-- WRONG: orders copies the user's name and email into every row
orders
+----+-----------+-------------------+--------+
| id | user_name | user_email | total |
+----+-----------+-------------------+--------+
| 10 | Sara | sara@old.com | 50.00 |
| 11 | Sara | sara@old.com | 20.00 |
| 12 | Sara | sara@old.com | 99.00 |
+----+-----------+-------------------+--------+
Looks fine, until Sara changes her email to sara@new.com. Now you have to update it in every single order row. Miss one, and your data lies to you. You will have three rows saying old.com and pretend that is still Sara.
This bug has a name: an update anomaly. The same fact lives in many places, so one fact can fall out of sync with itself.

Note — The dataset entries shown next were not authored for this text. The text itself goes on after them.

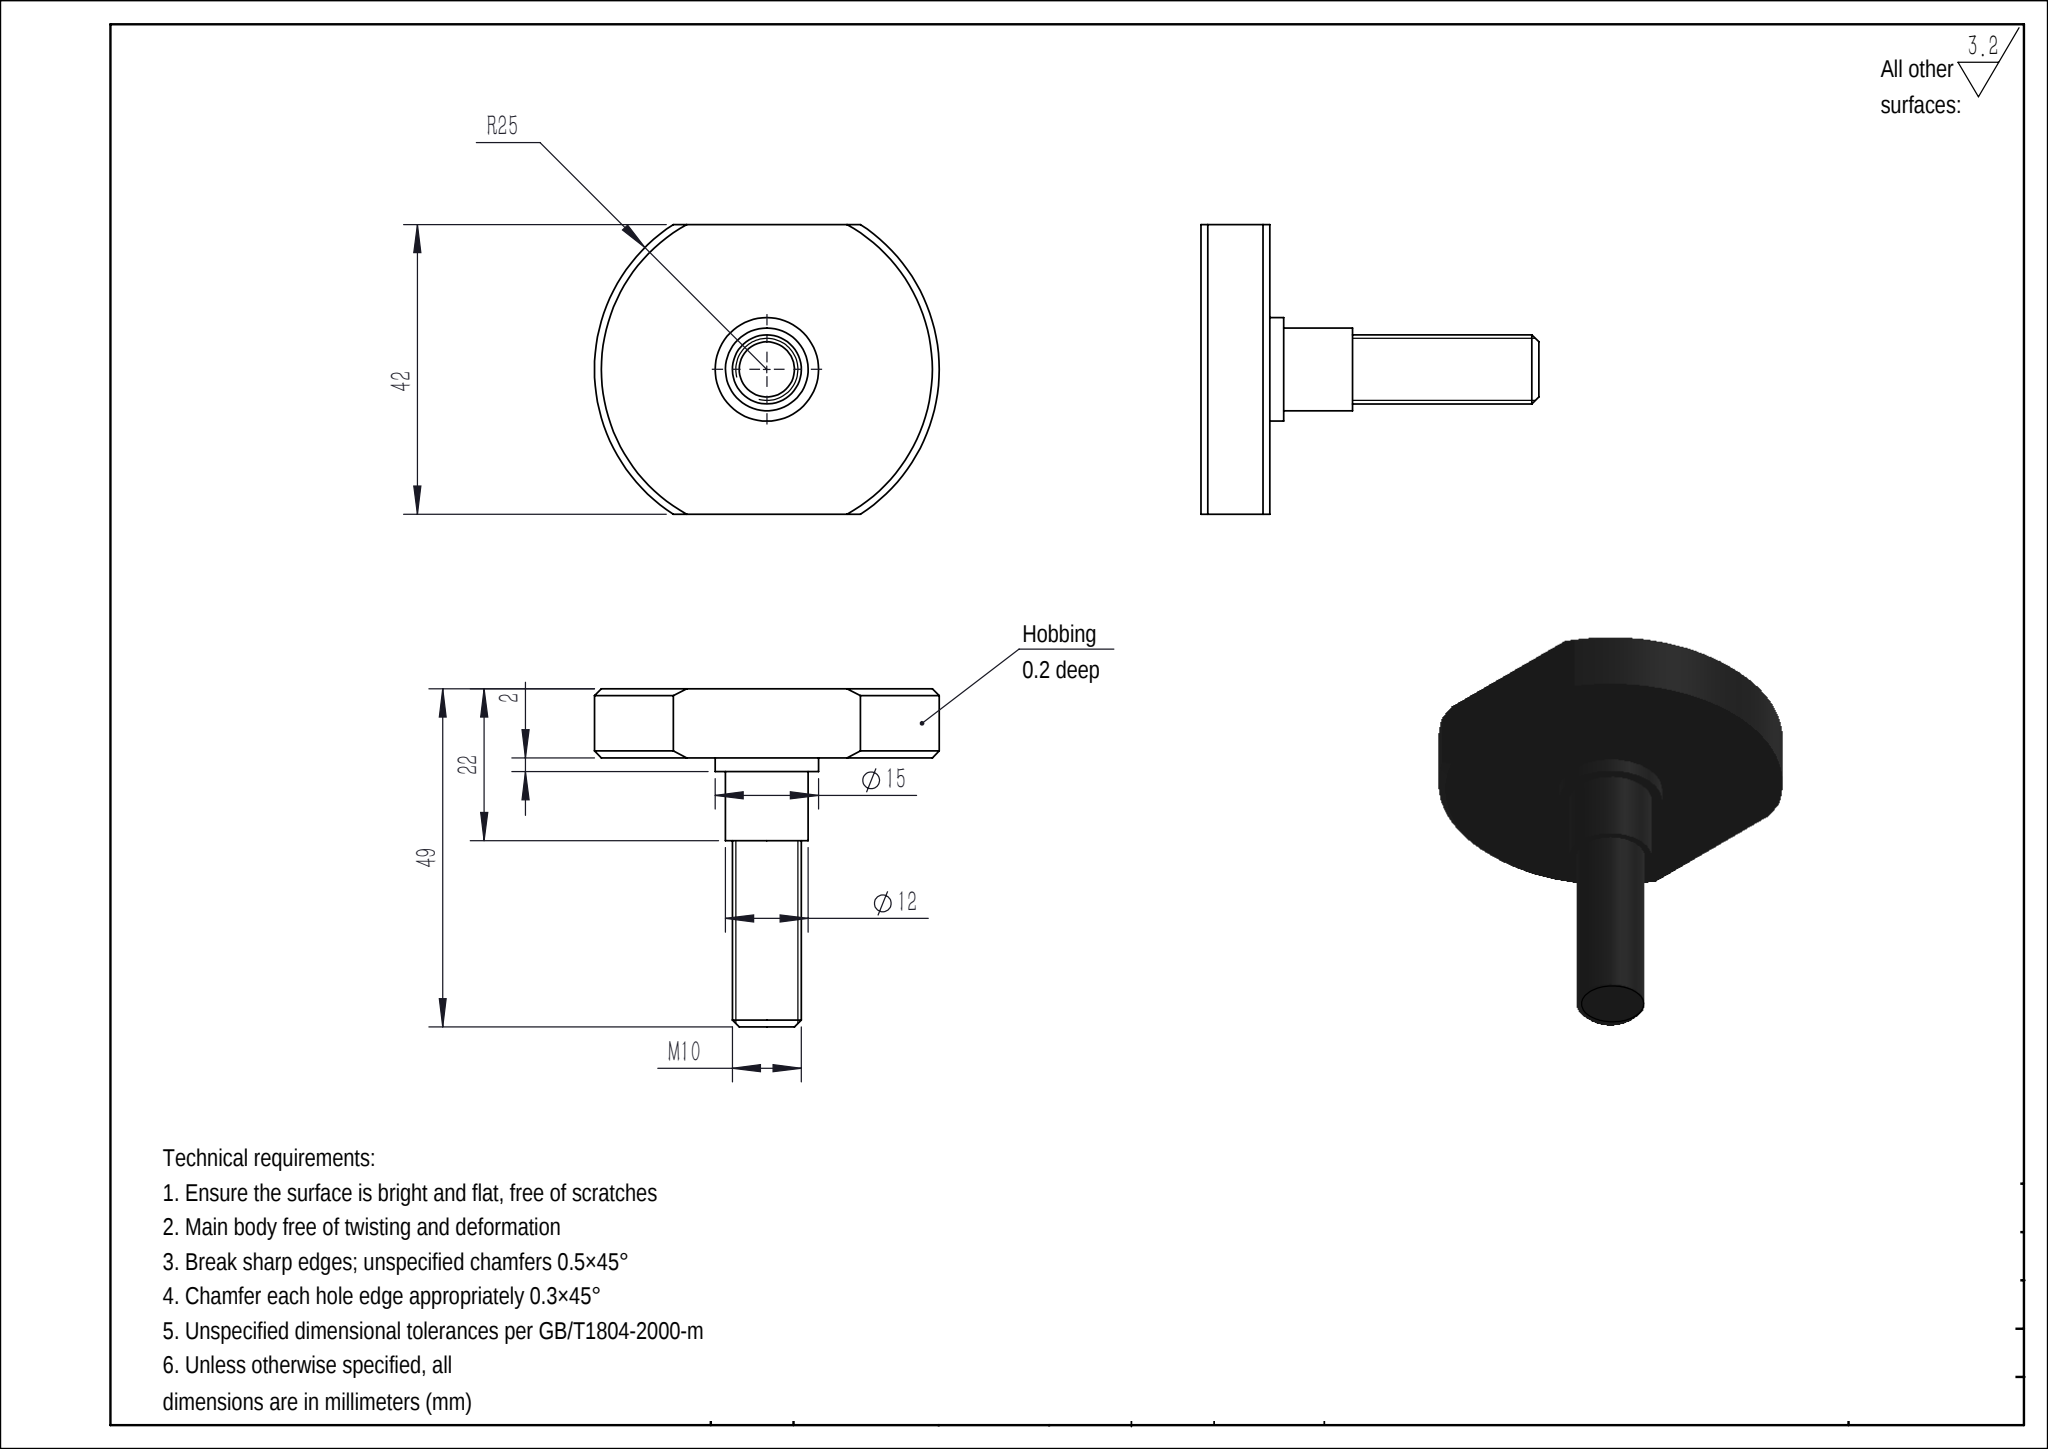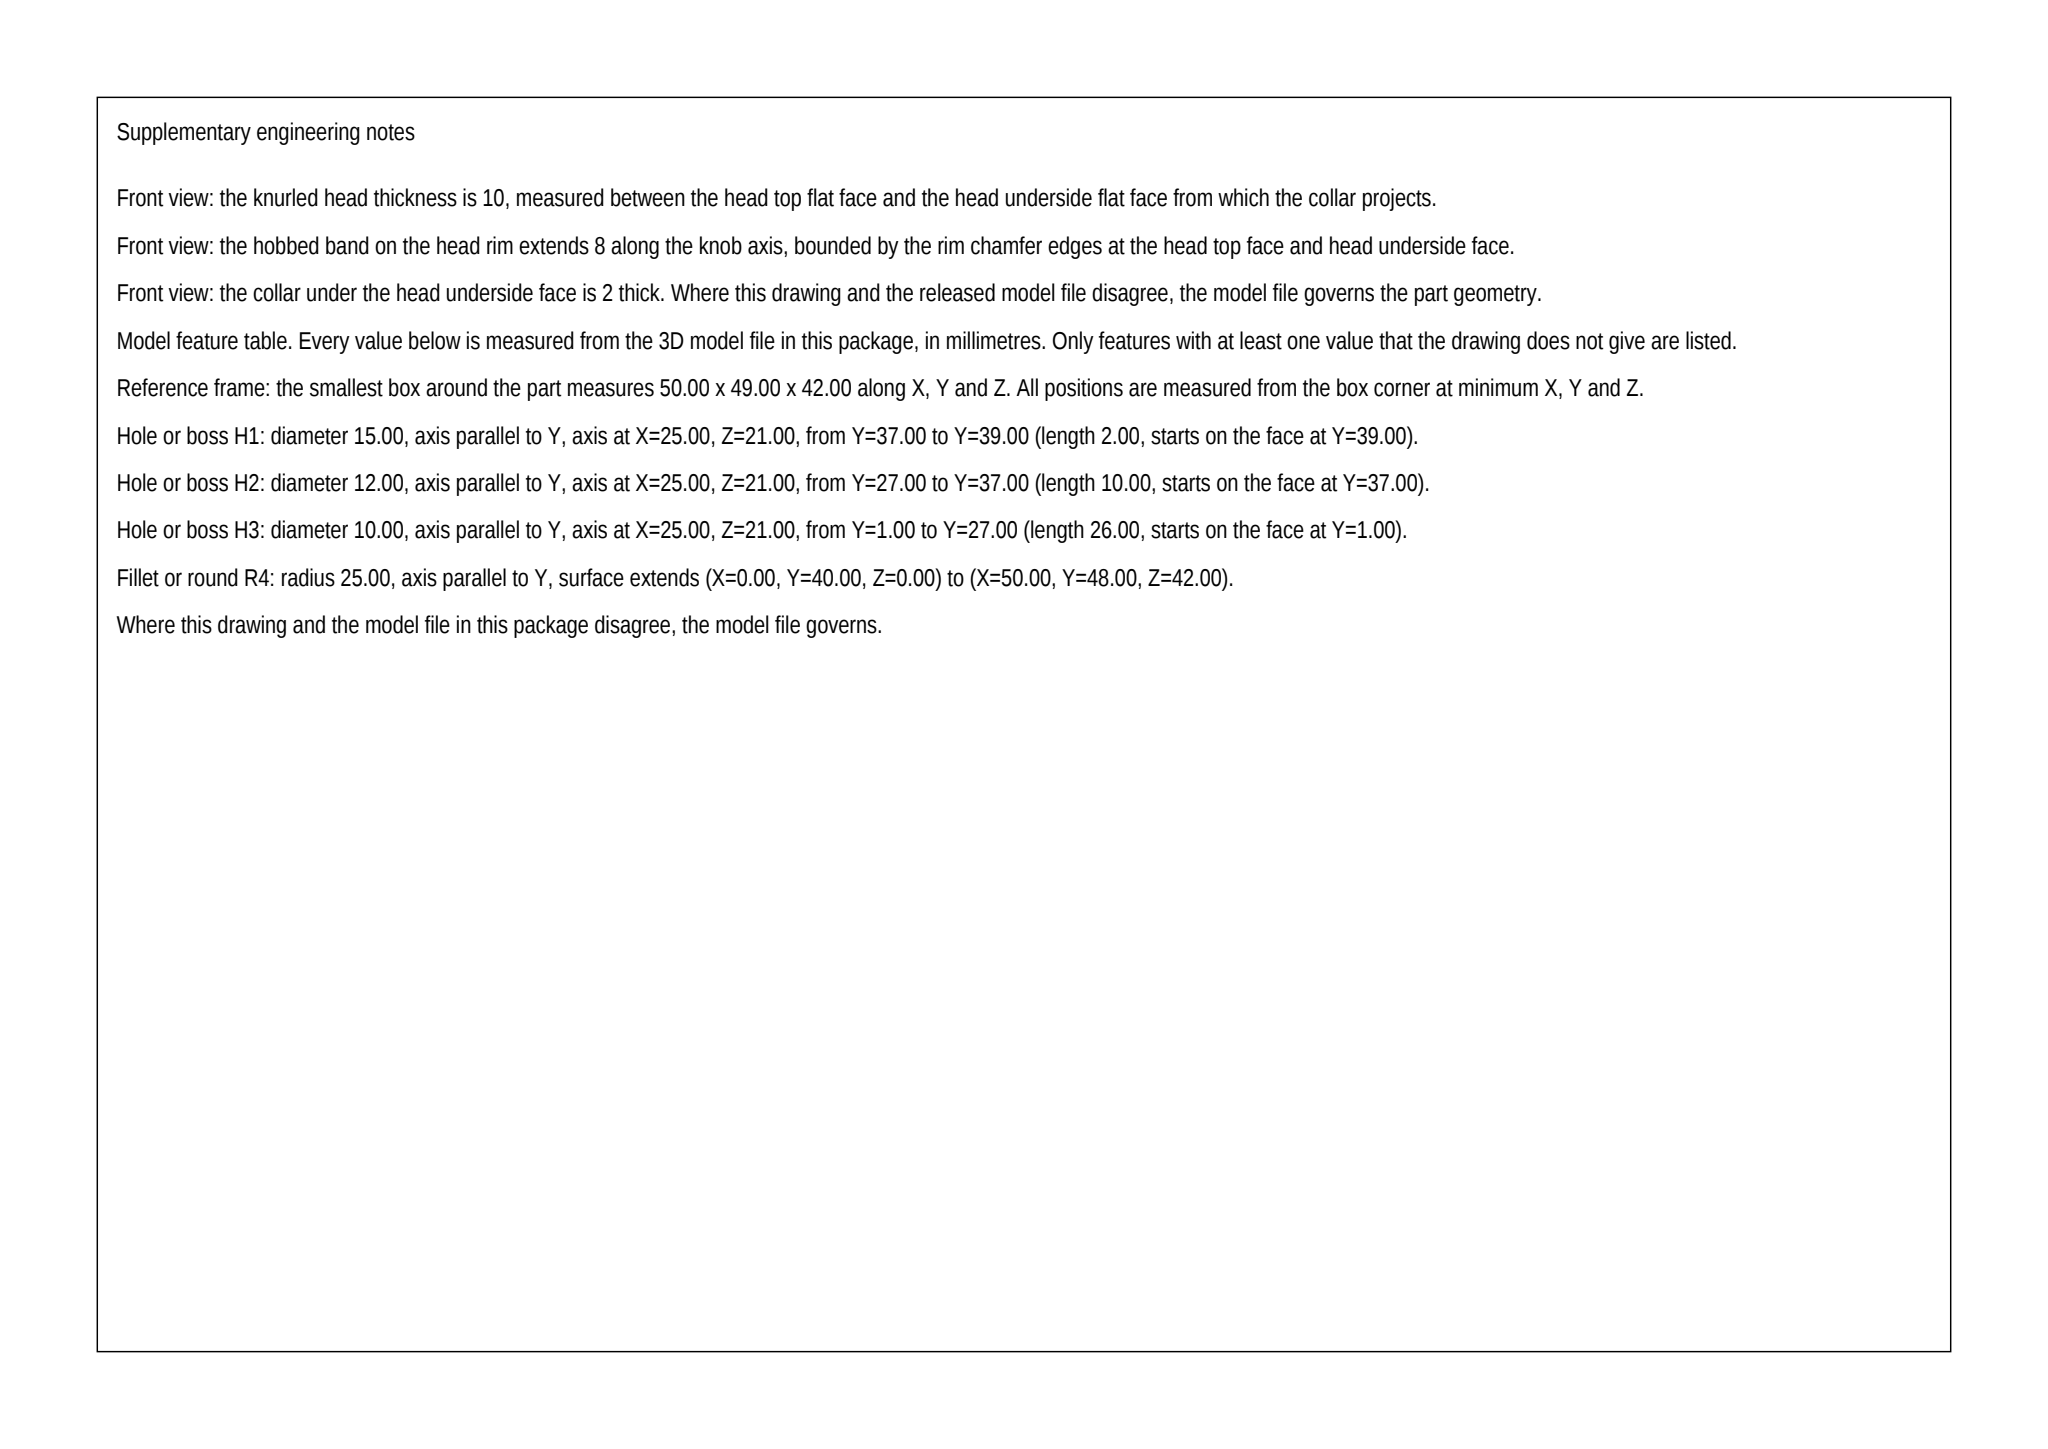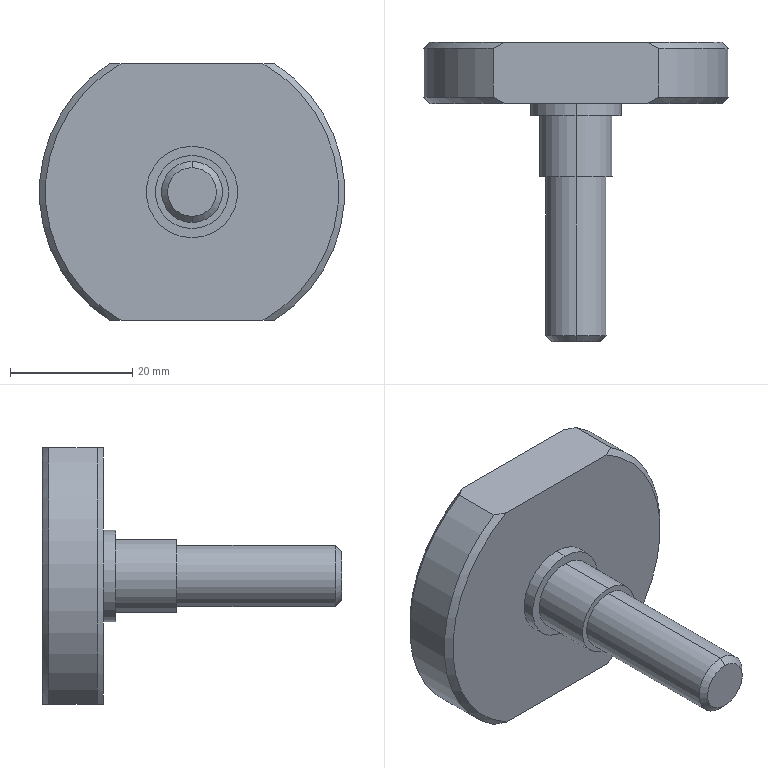Part | SolidWorks | mm | 1 solid | 21 faces | box 50 x 49 x 42 mm | volume 21653 mm3 | cylinder 8 | plane 7 | cone 6 | commonest cylinder face diameters 15 x2 12 x2 10 x2 50 x2
build123d program:
from build123d import *

# Parameters (mm, degrees)
SKETCH1_R           = 5
BOSS_EXTRUDE1_DEPTH = 27
SKETCH2_R           = 6
BOSS_EXTRUDE2_DEPTH = 12
SKETCH3_R           = 25
BOSS_EXTRUDE3_DEPTH = 10
CHAMFER1_SIZE       = 1
CHAMFER2_SIZE       = 1
SKETCH5_R           = 7.5
BOSS_EXTRUDE4_DEPTH = 2
SKETCH7_OUTSIDE_W   = 69.206
SKETCH7_OUTSIDE_H   = 69.206
SKETCH7_OUTSIDE_W_2 = 66.031
SKETCH7_OUTSIDE_H_2 = 42
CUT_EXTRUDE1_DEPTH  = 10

The fix is the address book idea. Store Sara once, and point to her:
-- RIGHT: store the user once, point by id
users
+----+------+----------------+
| id | name | email |
+----+------+----------------+
| 1 | Sara | sara@new.com | <-- change it here, ONE time
+----+------+----------------+
orders
+----+---------+--------+
| id | user_id | total |
+----+---------+--------+
| 10 | 1 | 50.00 | <-- just points to Sara
| 11 | 1 | 20.00 |
| 12 | 1 | 99.00 |
+----+---------+--------+
Sara changes her email? You update one row in users. Every order is instantly correct, because no order stored a copy in the first place. One source of truth.
(You may hear the fancy names for the rules behind this: 1NF, 2NF, 3NF. They exist, you can read them later, but the plain idea "do not repeat the same fact" gets you 90% of the way.)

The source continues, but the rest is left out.